JT: Well, I found the film on a website that lists a bunch of casting calls, and when I saw this particular opportunity was available, I was like, ‘Oh man, I’m going to be upset if I don’t get this,’ because I’m thinking, how many actual Japanese-Americans are out there auditioning for this besides me? So, I auditioned in March, and I think I was actually the first person to audition for the role, and I met up with the director. The process was cool, because I think I was the only actual Japanese American who tried out. It was great, because the struggle of Japanese-Americans during that time period is a very dear story to my heart, because if I was alive, say, fifty years ago, I would probably have been in their same situation. However, I was born in a different time, so my life is much, much better.

AM: So, what did you do to prepare to be in a war movie? Did you have to go through any special training?

JT: Yeah, actually, I did. There was a military specialist, and he was training us before shoots to make sure everything was correct. We also had a historian to fact check and help us to perfect our dialogue. I also read a few books, one in particular was called “Letters from the 422nd,” by Minoru Masuda, which was really helpful.

AM: Did you find the process to be physically or mentally taxing?

JT: The experience was definitely a little bit of both. However, I’m a bit more on the athletic side, so it wasn’t too crazy physically, but mentally it was very taxing. I don’t want to give away too much, but my character goes through the most traumatic experience of the whole story, which was pretty rough on me. One day, I did multiple takes where I had to ball my eyes out, so that was quite emotionally draining. I had to be emotionally prepared to take in the reality of the situation and what my character was going through.

AM: I also saw, via your Instagram, that you went to visit Mt. Olivet Japanese Cemetery on Memorial Day, how was that experience for you?

JT: It was amazing, I read up on a lot of the soldiers’ histories and I actually met up with their families and veterans on Memorial Day. It was a really humbling experience because you realize that, wow, these guys are actual American heroes who risked their lives for a country that turned against them, and it’s an honor that I have the opportunity portray one of these amazing men.

Johnathan Tanigaki
Sophomore student Johnathan Tanigaki

 AM: What was the purpose or goal of the film?

JT: This has been a passion project of the director, who is an NYU grad, for a very long time. The inspiration for the film stems from him being Japanese, but born in Hong Kong, so when he was in Japan he felt kind of like he was an outcast and didn’t belong. His alienation made him think about how the Japanese-Americans were in a similar boat. He wanted to shine a light on the fact that these people are just like any other soldiers. These Japanese-American soldiers went through hell and back, but somehow, at the end of the day, they kept going on. So, no matter how crappy or terrible the situation, these guys are the kind of people whose smiles never faded and stayed thankful that they were still alive. They kept on fighting because they had something to prove and I think that was his message.

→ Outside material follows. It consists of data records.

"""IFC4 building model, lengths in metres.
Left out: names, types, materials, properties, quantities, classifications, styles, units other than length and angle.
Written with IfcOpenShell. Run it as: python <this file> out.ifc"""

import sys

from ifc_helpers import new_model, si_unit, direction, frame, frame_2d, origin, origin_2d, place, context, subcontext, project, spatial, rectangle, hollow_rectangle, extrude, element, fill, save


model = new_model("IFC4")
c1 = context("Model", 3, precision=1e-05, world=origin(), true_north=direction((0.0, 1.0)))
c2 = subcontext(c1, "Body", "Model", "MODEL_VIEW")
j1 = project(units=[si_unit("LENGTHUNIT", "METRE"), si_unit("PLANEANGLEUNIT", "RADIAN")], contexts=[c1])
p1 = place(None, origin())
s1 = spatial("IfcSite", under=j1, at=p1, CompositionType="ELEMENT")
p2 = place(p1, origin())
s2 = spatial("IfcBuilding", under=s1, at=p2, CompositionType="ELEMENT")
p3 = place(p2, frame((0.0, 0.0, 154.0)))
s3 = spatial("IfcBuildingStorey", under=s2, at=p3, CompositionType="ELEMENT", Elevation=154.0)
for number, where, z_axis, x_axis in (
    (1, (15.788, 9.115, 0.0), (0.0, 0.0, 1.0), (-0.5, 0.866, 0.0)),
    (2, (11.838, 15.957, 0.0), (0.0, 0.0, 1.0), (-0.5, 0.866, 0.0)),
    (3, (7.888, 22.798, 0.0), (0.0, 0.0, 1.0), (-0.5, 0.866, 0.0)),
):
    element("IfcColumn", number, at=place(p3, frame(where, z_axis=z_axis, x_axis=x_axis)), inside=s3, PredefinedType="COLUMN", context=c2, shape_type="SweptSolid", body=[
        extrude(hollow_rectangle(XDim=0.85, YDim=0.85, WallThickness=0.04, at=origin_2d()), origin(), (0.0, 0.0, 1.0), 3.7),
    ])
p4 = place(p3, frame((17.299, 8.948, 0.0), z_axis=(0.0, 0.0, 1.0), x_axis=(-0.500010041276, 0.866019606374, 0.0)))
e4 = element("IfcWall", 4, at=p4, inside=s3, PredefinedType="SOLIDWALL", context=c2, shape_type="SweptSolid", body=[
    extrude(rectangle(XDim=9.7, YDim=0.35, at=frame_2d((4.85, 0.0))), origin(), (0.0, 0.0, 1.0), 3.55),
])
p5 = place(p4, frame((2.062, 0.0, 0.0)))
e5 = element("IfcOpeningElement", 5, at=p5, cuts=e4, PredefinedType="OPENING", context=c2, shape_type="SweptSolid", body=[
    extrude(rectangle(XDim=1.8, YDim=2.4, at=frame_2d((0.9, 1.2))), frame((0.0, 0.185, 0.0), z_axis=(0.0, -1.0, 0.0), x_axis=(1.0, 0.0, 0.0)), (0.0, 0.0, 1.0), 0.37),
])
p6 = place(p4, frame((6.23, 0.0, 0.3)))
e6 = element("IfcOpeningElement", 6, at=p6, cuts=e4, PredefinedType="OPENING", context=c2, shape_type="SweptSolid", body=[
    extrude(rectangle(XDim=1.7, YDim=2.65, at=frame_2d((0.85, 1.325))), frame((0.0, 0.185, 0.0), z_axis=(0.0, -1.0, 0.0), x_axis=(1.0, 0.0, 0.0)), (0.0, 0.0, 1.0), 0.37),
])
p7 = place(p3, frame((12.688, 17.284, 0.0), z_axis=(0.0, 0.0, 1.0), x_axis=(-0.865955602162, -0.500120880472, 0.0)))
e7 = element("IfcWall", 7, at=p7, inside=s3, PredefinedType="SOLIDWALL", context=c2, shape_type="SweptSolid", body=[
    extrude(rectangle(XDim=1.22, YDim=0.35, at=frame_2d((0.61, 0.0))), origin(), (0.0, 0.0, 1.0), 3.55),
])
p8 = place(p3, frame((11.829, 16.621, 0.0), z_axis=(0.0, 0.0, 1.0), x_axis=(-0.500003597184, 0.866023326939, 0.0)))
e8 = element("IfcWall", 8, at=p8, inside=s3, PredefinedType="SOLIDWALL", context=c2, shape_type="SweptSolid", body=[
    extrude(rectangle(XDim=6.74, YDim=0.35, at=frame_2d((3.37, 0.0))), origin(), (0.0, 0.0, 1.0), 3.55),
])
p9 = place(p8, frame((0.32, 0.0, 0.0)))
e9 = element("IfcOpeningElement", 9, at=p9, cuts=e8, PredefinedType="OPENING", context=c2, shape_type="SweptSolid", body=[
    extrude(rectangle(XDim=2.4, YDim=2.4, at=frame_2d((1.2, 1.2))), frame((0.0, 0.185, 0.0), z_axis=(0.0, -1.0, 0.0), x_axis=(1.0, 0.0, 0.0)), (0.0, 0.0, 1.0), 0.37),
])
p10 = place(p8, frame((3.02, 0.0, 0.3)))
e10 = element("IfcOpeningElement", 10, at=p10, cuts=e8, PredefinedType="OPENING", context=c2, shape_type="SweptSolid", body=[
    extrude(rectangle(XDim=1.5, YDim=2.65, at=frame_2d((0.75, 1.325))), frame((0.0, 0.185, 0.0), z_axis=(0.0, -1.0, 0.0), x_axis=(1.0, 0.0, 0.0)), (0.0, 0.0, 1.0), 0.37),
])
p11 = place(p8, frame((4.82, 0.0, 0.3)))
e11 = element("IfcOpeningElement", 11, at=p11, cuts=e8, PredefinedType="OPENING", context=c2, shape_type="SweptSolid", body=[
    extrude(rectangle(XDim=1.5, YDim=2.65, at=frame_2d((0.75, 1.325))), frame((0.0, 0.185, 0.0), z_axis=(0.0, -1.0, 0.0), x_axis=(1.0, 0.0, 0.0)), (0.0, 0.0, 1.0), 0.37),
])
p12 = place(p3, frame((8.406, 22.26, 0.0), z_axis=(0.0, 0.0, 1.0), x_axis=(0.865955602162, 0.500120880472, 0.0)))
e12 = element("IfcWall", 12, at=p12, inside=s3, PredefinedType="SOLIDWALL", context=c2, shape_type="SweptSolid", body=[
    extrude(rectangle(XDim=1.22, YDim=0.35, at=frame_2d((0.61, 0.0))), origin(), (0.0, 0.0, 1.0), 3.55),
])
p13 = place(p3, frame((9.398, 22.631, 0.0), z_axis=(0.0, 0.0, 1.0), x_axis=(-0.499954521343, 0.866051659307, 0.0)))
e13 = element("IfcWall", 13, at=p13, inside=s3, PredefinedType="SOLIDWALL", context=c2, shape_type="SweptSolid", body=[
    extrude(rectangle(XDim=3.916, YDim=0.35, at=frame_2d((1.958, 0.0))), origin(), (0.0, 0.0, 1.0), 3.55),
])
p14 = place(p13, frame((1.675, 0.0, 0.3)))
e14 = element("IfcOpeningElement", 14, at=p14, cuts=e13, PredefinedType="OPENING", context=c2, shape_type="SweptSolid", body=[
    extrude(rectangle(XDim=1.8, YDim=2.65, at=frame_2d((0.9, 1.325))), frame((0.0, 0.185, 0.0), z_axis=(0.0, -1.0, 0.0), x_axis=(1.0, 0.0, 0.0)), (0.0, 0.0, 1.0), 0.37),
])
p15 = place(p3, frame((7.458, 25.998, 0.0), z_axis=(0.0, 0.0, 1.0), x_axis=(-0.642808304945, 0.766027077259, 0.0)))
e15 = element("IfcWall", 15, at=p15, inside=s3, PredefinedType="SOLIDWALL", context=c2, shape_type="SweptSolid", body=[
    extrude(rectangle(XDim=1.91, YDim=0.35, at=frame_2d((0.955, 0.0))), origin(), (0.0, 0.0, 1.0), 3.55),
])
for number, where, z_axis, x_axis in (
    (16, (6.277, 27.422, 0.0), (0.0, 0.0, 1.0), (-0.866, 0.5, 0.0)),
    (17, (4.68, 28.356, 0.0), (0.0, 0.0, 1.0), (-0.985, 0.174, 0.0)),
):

AM: Are you finished filming or is the movie still a work in progress?

JT: I’m finished filming, however, the editing will probably take a few months. After that, we plan on submitting it to a lot of festivals, hope for the best and see what happens.

AM: Now that you’re done filming what are your plans for the future?

JT: I’m a theater major so I’m just on my grind, auditioning for plays and musicals. Next summer I have a few feature films coming out, but more on the horror and comedy side, as opposed to being historically focused like “442 Nisei Soldiers.” I’m going to be in a feature film called “Orchard Beach” coming up in a few weeks and then I’ll be auditioning for other stuff over the summer. Just keeping busy!